Why getSOCKSCredentialsForBrowser returns 2 values as a single string, "user:pass" i.e. "host:nonce"?
That host can include a port which then results in "domain:port:nonce". Afterwards there's a
While I don't think the host here will include a port, I agree it's safer not to use a colon. So I have changed it to a "|" character.
In any case I think it would be clearer to just return a structure not a compound string from getSOCKSCredentialsForBrowser.
Agreed.
Unrelated to that: the comment for setupDisplay says "Returns a function..." but that's not true, it doesn't return anything. I guess that's documentation bitrot.
Yes, fixing that.
Here's an additional "code cleanup" patch with these changes, on the same branch:
While I don't think the host here will include a port, [...]
You are right, sorry about the stupid rant.
PS: I now tried it and of course it doesn't include the port. Why was I so sure? I read the C++ definition of getFirstPartyHostForIsolation and saw GetHost being called, this accessor seems to be automatically generated by Mozilla's C++-JS magic glue. So I read the documentation for "host" here: https://developer.mozilla.org/en-US/docs/Mozilla/Tech/XPCOM/Reference/Interface/nsIURI. Now, I usually prefer to browse with CSS disabled, especially when reading. If you disable CSS in that page you loose the table borders and so I ended up reading the description for "hostPort" instead. -_-"

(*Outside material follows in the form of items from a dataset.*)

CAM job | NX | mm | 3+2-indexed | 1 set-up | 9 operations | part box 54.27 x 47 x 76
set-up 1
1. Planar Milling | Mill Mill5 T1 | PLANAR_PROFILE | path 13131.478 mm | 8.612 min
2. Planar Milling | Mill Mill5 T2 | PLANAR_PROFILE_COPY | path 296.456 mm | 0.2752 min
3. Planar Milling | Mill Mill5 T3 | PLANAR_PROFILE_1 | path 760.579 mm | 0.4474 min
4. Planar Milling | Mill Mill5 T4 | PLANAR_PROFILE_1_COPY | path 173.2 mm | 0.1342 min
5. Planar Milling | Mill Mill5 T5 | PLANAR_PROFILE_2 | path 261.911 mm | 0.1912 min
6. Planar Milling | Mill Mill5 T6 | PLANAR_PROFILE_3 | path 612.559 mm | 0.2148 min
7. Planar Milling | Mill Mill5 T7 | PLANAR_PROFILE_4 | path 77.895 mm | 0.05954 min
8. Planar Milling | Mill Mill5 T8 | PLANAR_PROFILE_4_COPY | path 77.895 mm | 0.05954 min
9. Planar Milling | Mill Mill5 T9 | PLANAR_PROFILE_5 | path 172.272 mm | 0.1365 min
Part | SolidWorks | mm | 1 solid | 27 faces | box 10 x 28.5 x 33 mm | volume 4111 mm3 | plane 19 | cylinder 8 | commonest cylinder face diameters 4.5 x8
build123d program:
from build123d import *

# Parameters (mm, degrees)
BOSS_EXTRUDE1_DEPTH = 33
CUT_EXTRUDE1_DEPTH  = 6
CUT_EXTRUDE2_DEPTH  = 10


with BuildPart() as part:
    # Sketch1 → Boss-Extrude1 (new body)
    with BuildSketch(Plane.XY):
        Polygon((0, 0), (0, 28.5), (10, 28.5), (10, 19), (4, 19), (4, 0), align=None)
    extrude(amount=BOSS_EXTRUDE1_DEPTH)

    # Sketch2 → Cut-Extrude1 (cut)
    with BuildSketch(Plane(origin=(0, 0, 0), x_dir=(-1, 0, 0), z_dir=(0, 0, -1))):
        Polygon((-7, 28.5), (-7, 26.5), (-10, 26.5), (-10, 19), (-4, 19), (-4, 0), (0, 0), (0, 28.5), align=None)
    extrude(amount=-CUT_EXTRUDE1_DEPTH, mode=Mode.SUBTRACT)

ln5 mentions that just using "New Tor Circuit for this Site" is working fine for him to reproduce the problem in the description. I wonder whether we overlooked something in our fix, hrm...
ln5 mentions that just using "New Tor Circuit for this Site" is working fine for him to reproduce the problem in the description. I wonder whether we overlooked something in our fix, hrm...
I tried this several times but I couldn't reproduce it. ln5, what platform and TBB version are you using? Any other clues?
Trac: Cc: gk, arthuredelstein to gk, arthuredelstein, ln5
This is interesting, it is 100% reproducible for any site that serves Content-Type "multipart/x-mixed-replace", like bugzilla does for the "loading" animation.
However, note that in this case the circuit display doesn't get screwed up for the whole browser, only for that single document on that tab. But I think what I observed in 5.0.6 was the same behavior described in the OP (though now I'm doubting). Unfortunately I wouldn't know how to reproduce that.
Alright, no more doubts: Right now on 5.0.7 the circuit display is borked exactly like described in the OP: For all tabs, for any document, "New identity" doesn't help, neither does "New circuit for this site".
Edit: I forgot to say, again I have no idea how it happened.
So the same problem exists and the one related to "multipart/x-mixed-replace" discovered by gk is a different one.
I will leave this browser like this in case you want me to try some live experiments. Note, though, that this is not a debug build nor anything like that. It's a normal 5.0.7 release version which (I think) has been auto-updated since 5.0.4 (or maybe even earlier).